Sunday, June 22, 2008

About glia

This is the first post of several I intend to make about glia, a class of neural (but not neuronal) cells that I really don't know enough about yet. Now, having become rather interested in synapses, I've come to see the need to know more about the cell basics.

I started out with the Encyclopedia of the Human Brain. In Volume 3, p. 480, I gained a sense of proportion. Glial numbers exceed neurons by a factor of 10 to 1. They account for 50% of the volume of the entire brain. Volume, not numbers. They are tinier.

p. 406, I learned a bit about four main types:

- Glia are far more abundant than neurons in the brain
- Glia of the brain and spinal cord are classified into four types:
1. astrocytes
2. oligodendrocytes
3. microglia
4. ependymal cells

- are starshaped glial cells found in both gray and white matter
- have a role in the mechanical support of neurons
- contribute to metabolic regulation of the micro environment of the brain
- participate in its response to injury

- are confined mainly to white matter
- are responsible for the myelination of brain axons (as Schwann cells are in the PNS)

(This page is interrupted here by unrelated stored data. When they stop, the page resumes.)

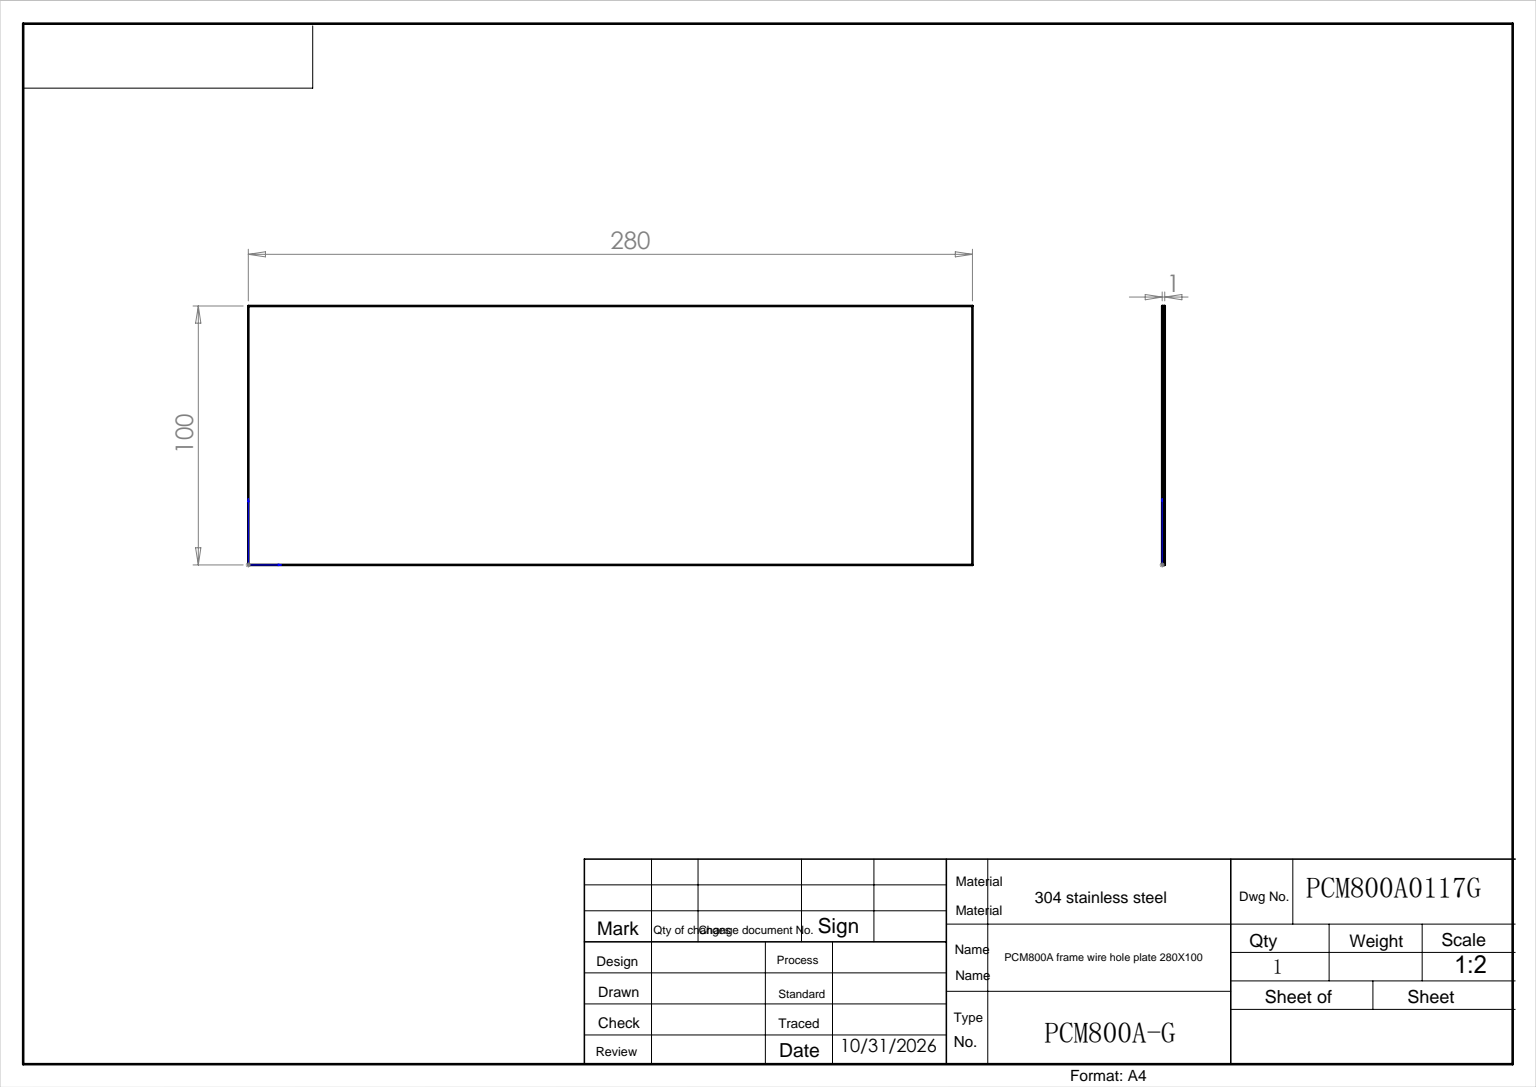
from build123d import *

# Parameters (mm, degrees)
SKETCH_1_W      = 280
SKETCH_1_H      = 100
EXTRUDE_1_DEPTH = 1


with BuildPart() as part:
    # 草图1 → 凸台-拉伸1 (new body)
    with BuildSketch(Plane.XY):
        with Locations((140, 50)):
            Rectangle(SKETCH_1_W, SKETCH_1_H)
    extrude(amount=EXTRUDE_1_DEPTH)


solid = part.part

- are small cells found in gray and white matter
- serve as the phagocytes of the brain
- migrate as necessary to damaged areas where they consume pathogens and neuronal debris

Ependymal cells
- line the ventricles of the brain
- at a specialized structure called the choroid plexus (one of which is found in each ventricle) they form a secretory epithelium that produces the CSF that fills the ventricles and bathes the entire CNS

There is some debate about their origins. For now I'm going to go with neural crest being their parent progenitor, but will bring the different opinions here later. Microglia pose the biggest departure, because they are scavengers, macrophagic in behavior, thought to come possibly from a hemopoietic source. However, I wouldn't put it past neural crest to be quite capable of making a version of brain cell that behaves just like a macrophagic cell that originates with mesoderm.

Further reading:

1. NIH Public Access: Glial cells: Old cells with new twists (2008) (mostly about oligodendrocytes)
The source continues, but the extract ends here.